Help parsing a text file

Started by	William Gill <noreply@domain.invalid>
First post	2011-08-29 14:21 -0400
Last post	2011-09-01 14:38 -0400
Articles	8 — 7 participants

Back to article view | Back to comp.lang.python

  Help parsing a text file William Gill <noreply@domain.invalid> - 2011-08-29 14:21 -0400
    Re: Help parsing a text file Philip Semanchuk <philip@semanchuk.com> - 2011-08-29 14:31 -0400
      Re: Help parsing a text file William Gill <nospam@domain.invalid> - 2011-08-29 14:56 -0400
    Re: Help parsing a text file Thomas Jollans <t@jollybox.de> - 2011-08-29 23:05 +0200
      Re: Help parsing a text file "Waldek M." <wm@localhost.localdomain> - 2011-08-30 13:50 +0200
    Re: Help parsing a text file Tim Roberts <timr@probo.com> - 2011-08-30 22:37 -0700
    Re: Help parsing a text file JT <james.thornton@gmail.com> - 2011-09-01 10:58 -0700
      Re: Help parsing a text file William Gill <nospam@domain.invalid> - 2011-09-01 14:38 -0400

#12414 — Help parsing a text file

From	William Gill <noreply@domain.invalid>
Date	2011-08-29 14:21 -0400
Subject	Help parsing a text file
Message-ID	<j3glai$1mu$1@dont-email.me>

I haven't done much with Python for a couple years, bouncing around 
between other languages and scripts as needs suggest, so I have some 
minor difficulty keeping Python functionality Python functionality in my 
head, but I can overcome that as the cobwebs clear.  Though I do seem to 
keep tripping over the same Py2 -> Py3 syntax changes (old habits die hard).

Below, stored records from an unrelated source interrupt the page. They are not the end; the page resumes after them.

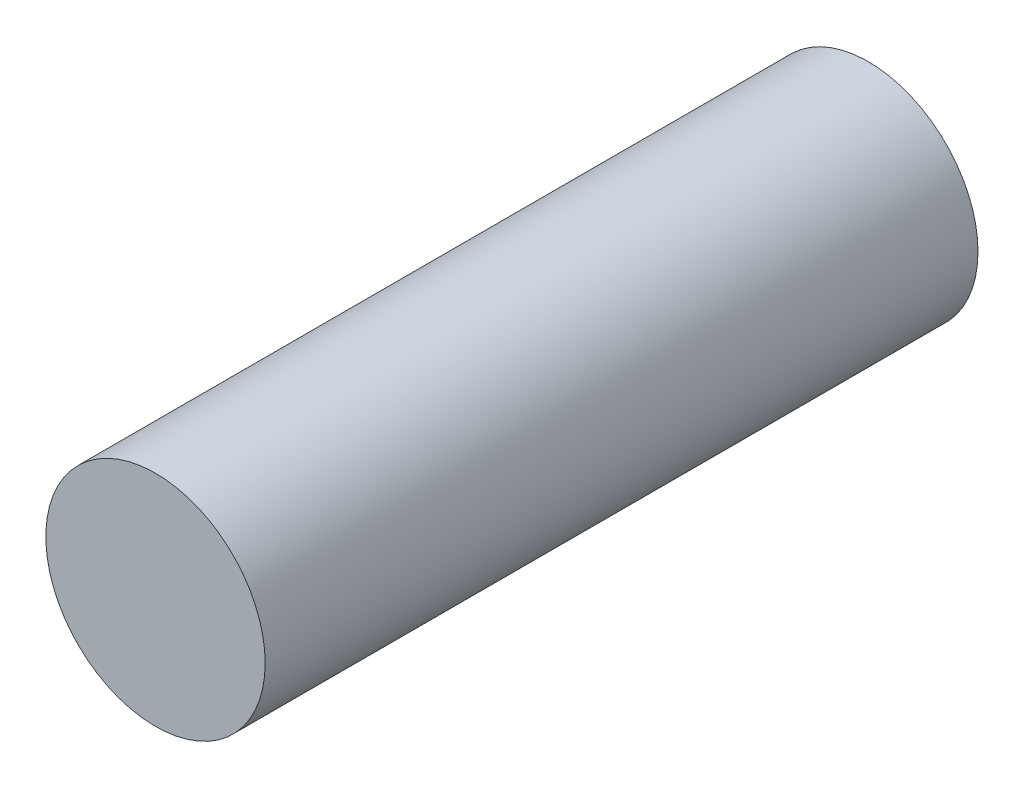
SolidWorks part; units mm, degrees
material "镀铬棒（硬）"
ref_plane "前视基准面" through (0, 0, 0) normal (0, 0, 1) x (1, 0, 0)
ref_plane "上视基准面" through (0, 0, 0) normal (0, 1, 0) x (1, 0, 0)
ref_plane "右视基准面" through (0, 0, 0) normal (1, 0, 0) x (0, 0, -1)
sketch "草图1" plane through (0, 0, 0) normal (0, 0, 1) x (1, 0, 0)
  circle A0 centre (0, 0) radius 10
  dimension "D1" = 20
extrude "凸台-拉伸1" add sketch "草图1" along normal blind 65
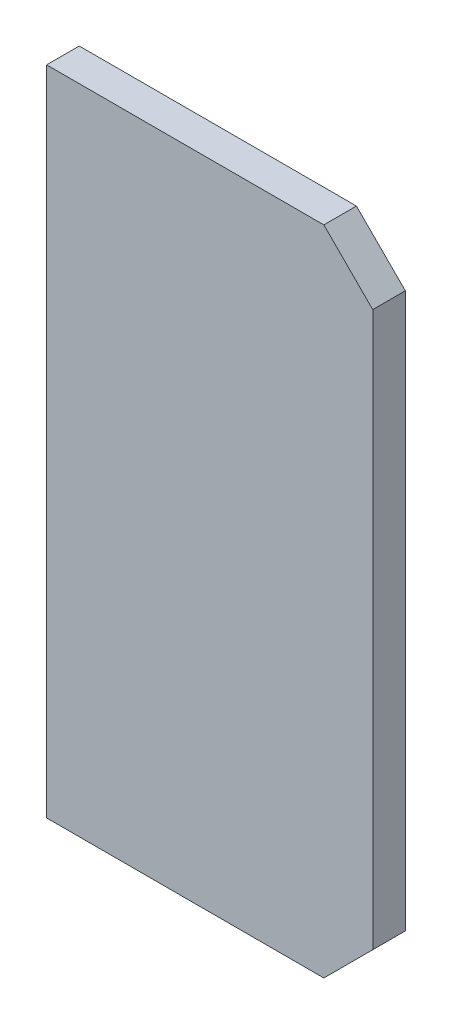
SolidWorks part; units mm, degrees
material "XRAAT"
ref_plane "前视基准面" through (0, 0, 0) normal (0, 0, 1) x (1, 0, 0)
ref_plane "上视基准面" through (0, 0, 0) normal (0, 1, 0) x (1, 0, 0)
ref_plane "右视基准面" through (0, 0, 0) normal (1, 0, 0) x (0, 0, -1)
sketch "草图1" plane through (0, 0, 0) normal (0, 0, 1) x (1, 0, 0)
  line L0 (0, 0) -> (0, 150)
  line L1 (0, 150) -> (46, 200)
  line L2 (46, 200) -> (100, 200)
  line L3 (100, 200) -> (100, 0)
  line L4 (100, 0) -> (0, 0)
  dimension "D1" = 100
  dimension "D2" = 150
  dimension "D3" = 200
  dimension "D4" = 54
extrude "凸台-拉伸1" add sketch "草图1" along normal mid plane 10
chamfer "倒角1" distance 15 angle 45 2 edges at (100, 0, 0) (100, 200, 0)
sketch "草图2" plane through (0, 0, 5) normal (0, 0, 1) x (1, 0, 0)
  line L0 (0, 150) -> (0, 200)
  line L1 (0, 200) -> (46, 200)
  line L2 (46, 200) -> (0, 150) construction
  line L3 (46, 200) -> (0, 150)
extrude "凸台-拉伸2" add sketch "草图2" against normal up to surface (10 mm away) up to face at (59.4286, 107.1429, -5)

I have a text file with XML like records that I need to parse.  By XML 
like I mean records have proper opening and closing tags. but fields 
don't have closing tags (they rely on line ends).  Not all fields appear 
in all records, but they do adhere to a defined sequence.

My initial passes into Python have been very unfocused (a scatter gun of 
too many possible directions, yielding very messy results), so I'm 
asking for some suggestions, or algorithms (possibly even examples)that 
may help me focus.

I'm not asking anyone to write my code, just to nudge me toward a more 
disciplined approach to a common task, and I promise to put in the 
effort to understand the underlying fundamentals.

[toc] | [next] | [standalone]

#12416

From	Philip Semanchuk <philip@semanchuk.com>
Date	2011-08-29 14:31 -0400
Message-ID	<mailman.552.1314642679.27778.python-list@python.org>
In reply to	#12414

On Aug 29, 2011, at 2:21 PM, William Gill wrote:

> I haven't done much with Python for a couple years, bouncing around between other languages and scripts as needs suggest, so I have some minor difficulty keeping Python functionality Python functionality in my head, but I can overcome that as the cobwebs clear.  Though I do seem to keep tripping over the same Py2 -> Py3 syntax changes (old habits die hard).
> 
> I have a text file with XML like records that I need to parse.  By XML like I mean records have proper opening and closing tags. but fields don't have closing tags (they rely on line ends).  Not all fields appear in all records, but they do adhere to a defined sequence.
> 
> My initial passes into Python have been very unfocused (a scatter gun of too many possible directions, yielding very messy results), so I'm asking for some suggestions, or algorithms (possibly even examples)that may help me focus.
> 
> I'm not asking anyone to write my code, just to nudge me toward a more disciplined approach to a common task, and I promise to put in the effort to understand the underlying fundamentals.

If the syntax really is close to XML, would it be all that difficult to convert it to proper XML? Then you have nice libraries like ElementTree to use for parsing.


Cheers
Philip

[toc] | [prev] | [next] | [standalone]

#12418

From	William Gill <nospam@domain.invalid>
Date	2011-08-29 14:56 -0400
Message-ID	<j3gnc0$5t1$1@dont-email.me>
In reply to	#12416

On 8/29/2011 2:31 PM, Philip Semanchuk wrote:
>
> If the syntax really is close to XML, would it be all that difficult to convert it to proper XML? Then you have nice libraries like ElementTree to use for parsing.
>

Possibly, but I would still need the same search algorithms to find the 
opening tag for the field, then find and replace the next line end with 
a matching closing tag.  So it seems to me that the starting point is 
the same, and then it's my choice to either process the substrings 
myself or employ something like ElementTree.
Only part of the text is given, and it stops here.